# why sig why!!!



## 8Eric6 (May 9, 2010)

so was shooting my p226 and my front sight just fell off!?!?!?! Just wondering if anyone else has had this problem? by the way I got it fixed at the shop I bought it at awhile back. Havent shot it since the fix hopefully shes still driving nails


----------



## hud35500 (May 8, 2010)

That sucks. My Sigs are the opposite. I had to freeze the slide on my P220 to swap out the sights.
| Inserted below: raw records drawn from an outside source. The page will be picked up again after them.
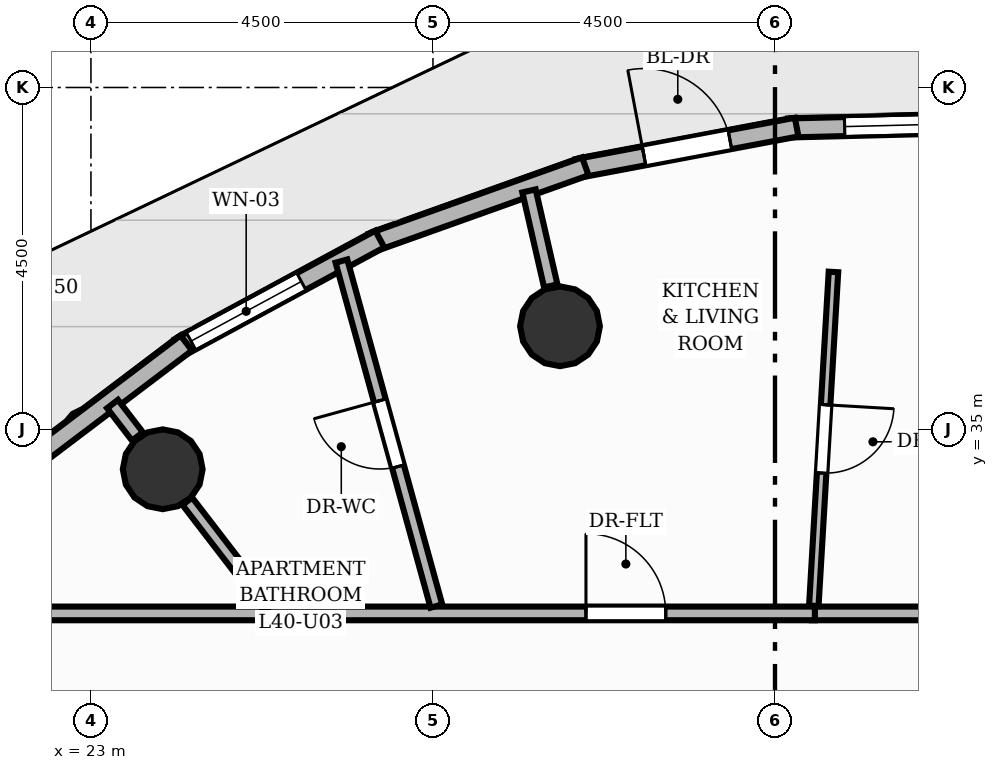
"""IFC4 building model, lengths in metres.
Left out: names, types, materials, properties, quantities, classifications, styles, units other than length and angle.
Written with IfcOpenShell. Run it as: python <this file> out.ifc"""

import sys

from ifc_helpers import new_model, si_unit, direction, frame, frame_2d, origin, origin_2d, place, context, subcontext, project, spatial, rectangle, circle, extrude, element, fill, save


model = new_model("IFC4")
c1 = context("Model", 3, precision=1e-05, world=origin(), true_north=direction((0.0, 1.0)))
c2 = subcontext(c1, "Body", "Model", "MODEL_VIEW")
j1 = project(units=[si_unit("LENGTHUNIT", "METRE"), si_unit("PLANEANGLEUNIT", "RADIAN")], contexts=[c1])
p1 = place(None, origin())
s1 = spatial("IfcSite", under=j1, at=p1, CompositionType="ELEMENT")
p2 = place(p1, origin())
s2 = spatial("IfcBuilding", under=s1, at=p2, CompositionType="ELEMENT")
p3 = place(p2, frame((0.0, 0.0, 136.16)))
s3 = spatial("IfcBuildingStorey", under=s2, at=p3, CompositionType="ELEMENT", Elevation=136.16)
for number, where, z_axis, x_axis in (
    (1, (29.171, 36.358, 0.0), (0.0, 0.0, 1.0), (1.0, 0.0, 0.0)),
    (2, (23.944, 34.477, 0.0), (0.0, 0.0, 1.0), (1.0, 0.0, 0.0)),
):
    element("IfcColumn", number, at=place(p3, frame(where, z_axis=z_axis, x_axis=x_axis)), inside=s3, PredefinedType="COLUMN", context=c2, shape_type="SweptSolid", body=[
        extrude(circle(Radius=0.525, at=origin_2d()), origin(), (0.0, 0.0, 1.0), 3.2),
    ])
p4 = place(p3, frame((32.176, 38.967, 0.0), z_axis=(0.0, 0.0, 1.0), x_axis=(0.999687646408, 0.02499219116, 0.0)))
e3 = element("IfcWall", 3, at=p4, inside=s3, PredefinedType="SOLIDWALL", context=c2, shape_type="SweptSolid", body=[
    extrude(rectangle(XDim=2.882, YDim=0.25, at=frame_2d((1.441, 0.0))), origin(), (0.0, 0.0, 1.0), 2.96),
])
p5 = place(p4, frame((0.741, 0.0, 0.85)))
e4 = element("IfcOpeningElement", 4, at=p5, cuts=e3, PredefinedType="OPENING", context=c2, shape_type="SweptSolid", body=[
    extrude(rectangle(XDim=1.4, YDim=1.55, at=frame_2d((0.7, 0.775))), frame((0.0, 0.135, 0.0), z_axis=(0.0, -1.0, 0.0), x_axis=(1.0, 0.0, 0.0)), (0.0, 0.0, 1.0), 0.27),
])
p6 = place(p3, frame((29.399, 38.434, 0.0), z_axis=(0.0, 0.0, 1.0), x_axis=(0.982637070109, 0.185538105108, 0.0)))
e5 = element("IfcWall", 5, at=p6, inside=s3, PredefinedType="SOLIDWALL", context=c2, shape_type="SweptSolid", body=[
    extrude(rectangle(XDim=2.937, YDim=0.25, at=frame_2d((1.469, 0.0))), origin(), (0.0, 0.0, 1.0), 2.96),
])
p7 = place(p6, frame((0.893, 0.0, 0.0)))
e6 = element("IfcOpeningElement", 6, at=p7, cuts=e5, PredefinedType="OPENING", context=c2, shape_type="SweptSolid", body=[
    extrude(rectangle(XDim=1.15, YDim=2.2, at=frame_2d((0.575, 1.1))), frame((0.0, 0.135, 0.0), z_axis=(0.0, -1.0, 0.0), x_axis=(1.0, 0.0, 0.0)), (0.0, 0.0, 1.0), 0.27),
])
p8 = place(p3, frame((26.701, 37.461, 0.0), z_axis=(0.0, 0.0, 1.0), x_axis=(0.94175304307, 0.33630522724, 0.0)))
e7 = element("IfcWall", 7, at=p8, inside=s3, PredefinedType="SOLIDWALL", context=c2, shape_type="SweptSolid", body=[
    extrude(rectangle(XDim=2.977, YDim=0.25, at=frame_2d((1.489, 0.0))), origin(), (0.0, 0.0, 1.0), 2.96),
])
p9 = place(p3, frame((24.163, 36.079, 0.0), z_axis=(0.0, 0.0, 1.0), x_axis=(0.879567466611, 0.475774181393, 0.0)))
e8 = element("IfcWall", 8, at=p9, inside=s3, PredefinedType="SOLIDWALL", context=c2, shape_type="SweptSolid", body=[
    extrude(rectangle(XDim=2.998, YDim=0.25, at=frame_2d((1.499, 0.0))), origin(), (0.0, 0.0, 1.0), 2.96),
])
p10 = place(p9, frame((0.175, 0.0, 0.85)))
e9 = element("IfcOpeningElement", 9, at=p10, cuts=e8, PredefinedType="OPENING", context=c2, shape_type="SweptSolid", body=[
    extrude(rectangle(XDim=1.65, YDim=1.55, at=frame_2d((0.825, 0.775))), frame((0.0, 0.135, 0.0), z_axis=(0.0, -1.0, 0.0), x_axis=(1.0, 0.0, 0.0)), (0.0, 0.0, 1.0), 0.27),
])
p11 = place(p3, frame((21.863, 34.329, 0.0), z_axis=(0.0, 0.0, 1.0), x_axis=(0.797511213298, 0.603304122863, 0.0)))
e10 = element("IfcWall", 10, at=p11, inside=s3, PredefinedType="SOLIDWALL", context=c2, shape_type="SweptSolid", body=[
    extrude(rectangle(XDim=2.998, YDim=0.25, at=frame_2d((1.499, 0.0))), origin(), (0.0, 0.0, 1.0), 2.96),
])
p12 = place(p3, frame((29.05, 36.889, 0.0), z_axis=(0.0, 0.0, 1.0), x_axis=(-0.223093561241, 0.974797036789, 0.0)))
e11 = element("IfcWall", 11, at=p12, inside=s3, PredefinedType="PARTITIONING", context=c2, shape_type="SweptSolid", body=[
    extrude(rectangle(XDim=1.282, YDim=0.18, at=frame_2d((0.641, 0.0))), origin(), (0.0, 0.0, 1.0), 2.336),
])
p13 = place(p3, frame((23.612, 34.908, 0.0), z_axis=(0.0, 0.0, 1.0), x_axis=(-0.609469486836, 0.792809526063, 0.0)))
e12 = element("IfcWall", 12, at=p13, inside=s3, PredefinedType="PARTITIONING", context=c2, shape_type="SweptSolid", body=[
    extrude(rectangle(XDim=0.538, YDim=0.18, at=frame_2d((0.269, 0.0))), origin(), (0.0, 0.0, 1.0), 2.336),
])
p14 = place(p3, frame((32.485, 32.58, 0.0), z_axis=(0.0, 0.0, 1.0), x_axis=(1.0, 0.0, 0.0)))
e13 = element("IfcWall", 13, at=p14, inside=s3, PredefinedType="PARTITIONING", context=c2, shape_type="SweptSolid", body=[
    extrude(rectangle(XDim=6.595, YDim=0.18, at=frame_2d((3.298, 0.0))), origin(), (0.0, 0.0, 1.0), 2.955),
])
p15 = place(p3, frame((21.42, 32.58, 0.0), z_axis=(0.0, 0.0, 1.0), x_axis=(1.0, 0.0, 0.0)))
e14 = element("IfcWall", 14, at=p15, inside=s3, PredefinedType="PARTITIONING", context=c2, shape_type="SweptSolid", body=[
    extrude(rectangle(XDim=11.105, YDim=0.18, at=frame_2d((5.552, 0.0))), origin(), (0.0, 0.0, 1.0), 2.955),
])
p16 = place(p15, frame((8.093, 0.0, 0.0)))
e15 = element("IfcOpeningElement", 15, at=p16, cuts=e14, PredefinedType="OPENING", context=c2, shape_type="SweptSolid", body=[
    extrude(rectangle(XDim=1.05, YDim=2.15, at=frame_2d((0.525, 1.075))), frame((0.0, 0.1, 0.0), z_axis=(0.0, -1.0, 0.0), x_axis=(1.0, 0.0, 0.0)), (0.0, 0.0, 1.0), 0.2),
])
p17 = place(p3, frame((27.545, 32.677, 0.0), z_axis=(0.0, 0.0, 1.0), x_axis=(-0.265393905211, 0.964140070258, 0.0)))
e16 = element("IfcWall", 16, at=p17, inside=s3, PredefinedType="PLUMBINGWALL", context=c2, shape_type="SweptSolid", body=[
    extrude(rectangle(XDim=4.708, YDim=0.16, at=frame_2d((2.354, 0.0))), origin(), (0.0, 0.0, 1.0), 2.955),
])
p18 = place(p17, frame((1.904, 0.0, 0.0)))
e17 = element("IfcOpeningElement", 17, at=p18, cuts=e16, PredefinedType="OPENING", context=c2, shape_type="SweptSolid", body=[
    extrude(rectangle(XDim=0.9, YDim=2.1, at=frame_2d((0.45, 1.05))), frame((0.0, 0.09, 0.0), z_axis=(0.0, -1.0, 0.0), x_axis=(1.0, 0.0, 0.0)), (0.0, 0.0, 1.0), 0.18),
])
p19 = place(p3, frame((32.769, 37.073, 0.0), z_axis=(0.0, 0.0, 1.0), x_axis=(-0.058751291398, -0.998272651012, 0.0)))
e18 = element("IfcWall", 18, at=p19, inside=s3, PredefinedType="PARTITIONING", context=c2, shape_type="SweptSolid", body=[
    extrude(rectangle(XDim=4.401, YDim=0.125, at=frame_2d((2.2, 0.0))), origin(), (0.0, 0.0, 1.0), 2.692),
])
p20 = place(p19, frame((1.75, 0.0, 0.0)))
e19 = element("IfcOpeningElement", 19, at=p20, cuts=e18, PredefinedType="OPENING", context=c2, shape_type="SweptSolid", body=[
    extrude(rectangle(XDim=0.9, YDim=2.1, at=frame_2d((0.45, 1.05))), frame((0.0, 0.073, 0.0), z_axis=(0.0, -1.0, 0.0), x_axis=(1.0, 0.0, 0.0)), (0.0, 0.0, 1.0), 0.145),
])
p21 = place(p3, frame((25.342, 32.659, 0.0), z_axis=(0.0, 0.0, 1.0), x_axis=(-0.609536601946, 0.792757927042, 0.0)))
e20 = element("IfcWall", 20, at=p21, inside=s3, PredefinedType="PLUMBINGWALL", context=c2, shape_type="SweptSolid", body=[
    extrude(rectangle(XDim=1.761, YDim=0.16, at=frame_2d((0.881, 0.0))), origin(), (0.0, 0.0, 1.0), 2.336),
])
p22 = place(p7, origin())
e21 = element("IfcDoor", 21, at=p22, inside=s3, OperationType="SINGLE_SWING_LEFT", PredefinedType="DOOR", context=c2, shape_type="SweptSolid", body=[
    extrude(rectangle(XDim=1.15, YDim=2.2, at=frame_2d((0.575, 1.1))), frame((0.0, 0.025, 0.0), z_axis=(0.0, -1.0, 0.0), x_axis=(1.0, 0.0, 0.0)), (0.0, 0.0, 1.0), 0.05),
])
fill(e6, e21)
p23 = place(p5, origin())
e22 = element("IfcWindow", 22, at=p23, inside=s3, PartitioningType="SINGLE_PANEL", PredefinedType="WINDOW", context=c2, shape_type="SweptSolid", body=[
    extrude(rectangle(XDim=1.4, YDim=1.55, at=frame_2d((0.7, 0.775))), frame((0.0, 0.03, 0.0), z_axis=(0.0, -1.0, 0.0), x_axis=(1.0, 0.0, 0.0)), (0.0, 0.0, 1.0), 0.06),
])
fill(e4, e22)
p24 = place(p10, origin())
e23 = element("IfcWindow", 23, at=p24, inside=s3, PartitioningType="SINGLE_PANEL", PredefinedType="WINDOW", context=c2, shape_type="SweptSolid", body=[
    extrude(rectangle(XDim=1.65, YDim=1.55, at=frame_2d((0.825, 0.775))), frame((0.0, 0.03, 0.0), z_axis=(0.0, -1.0, 0.0), x_axis=(1.0, 0.0, 0.0)), (0.0, 0.0, 1.0), 0.06),
])
fill(e9, e23)
p25 = place(p16, origin())
e24 = element("IfcDoor", 24, at=p25, inside=s3, OperationType="SINGLE_SWING_LEFT", PredefinedType="DOOR", context=c2, shape_type="SweptSolid", body=[
    extrude(rectangle(XDim=1.05, YDim=2.15, at=frame_2d((0.525, 1.075))), frame((0.0, 0.025, 0.0), z_axis=(0.0, -1.0, 0.0), x_axis=(1.0, 0.0, 0.0)), (0.0, 0.0, 1.0), 0.05),
])
fill(e15, e24)
p26 = place(p18, origin())
e25 = element("IfcDoor", 25, at=p26, inside=s3, OperationType="SINGLE_SWING_RIGHT", PredefinedType="DOOR", context=c2, shape_type="SweptSolid", body=[
    extrude(rectangle(XDim=0.9, YDim=2.1, at=frame_2d((0.45, 1.05))), frame((0.0, 0.025, 0.0), z_axis=(0.0, -1.0, 0.0), x_axis=(1.0, 0.0, 0.0)), (0.0, 0.0, 1.0), 0.05),
])
fill(e17, e25)
p27 = place(p20, origin())
e26 = element("IfcDoor", 26, at=p27, inside=s3, OperationType="SINGLE_SWING_LEFT", PredefinedType="DOOR", context=c2, shape_type="SweptSolid", body=[
    extrude(rectangle(XDim=0.9, YDim=2.1, at=frame_2d((0.45, 1.05))), frame((0.0, 0.025, 0.0), z_axis=(0.0, -1.0, 0.0), x_axis=(1.0, 0.0, 0.0)), (0.0, 0.0, 1.0), 0.05),
])
fill(e19, e26)
save(model, sys.argv[1])

I actually watched the Sig sight pusher bend and the sight didn't budge.


----------



## 8Eric6 (May 9, 2010)

I wish mine was on there like that


----------



## devildogandboy (Jun 2, 2011)

never experienced that problem. good thing it didn't happen when you really neede it.


----------



## recoilguy (Apr 30, 2009)

You got it fixed and haven't tried it out yet?

When you said I wish mine was on like that ........it probably is. 

Go shoot it, enjoy it and have fun.

RCG


----------



## 8Eric6 (May 9, 2010)

oh ya I don't get paid until tomm. so I will be hanging out at the range until I have to go work (running night service this week) one good thing about my week of nights get to go the range during the day way less people


----------



## 8Eric6 (May 9, 2010)

so went to the range today with mr sig and now I shot low with it my brother shot low with it as well. just so happened that a Marine of 20 some odd years was shooting next to us got to b.s'n and he shot low with it too. this is turning into a nightmare big SUCK!


----------



## dondavis3 (Aug 2, 2009)

I've had no problems like yours on my Sig's - my sights are hard to change.

Did the repair shop put the same # (size) sight on it when they repaired it?

:smt1099


----------



## 8Eric6 (May 9, 2010)

dondavis3 said:


> I've had no problems like yours on my Sig's - my sights are hard to change.
> 
> Did the repair shop put the same # (size) sight on it when they repaired it?
> 
> :smt1099


They used the same front that slid off just peened and loctited it


----------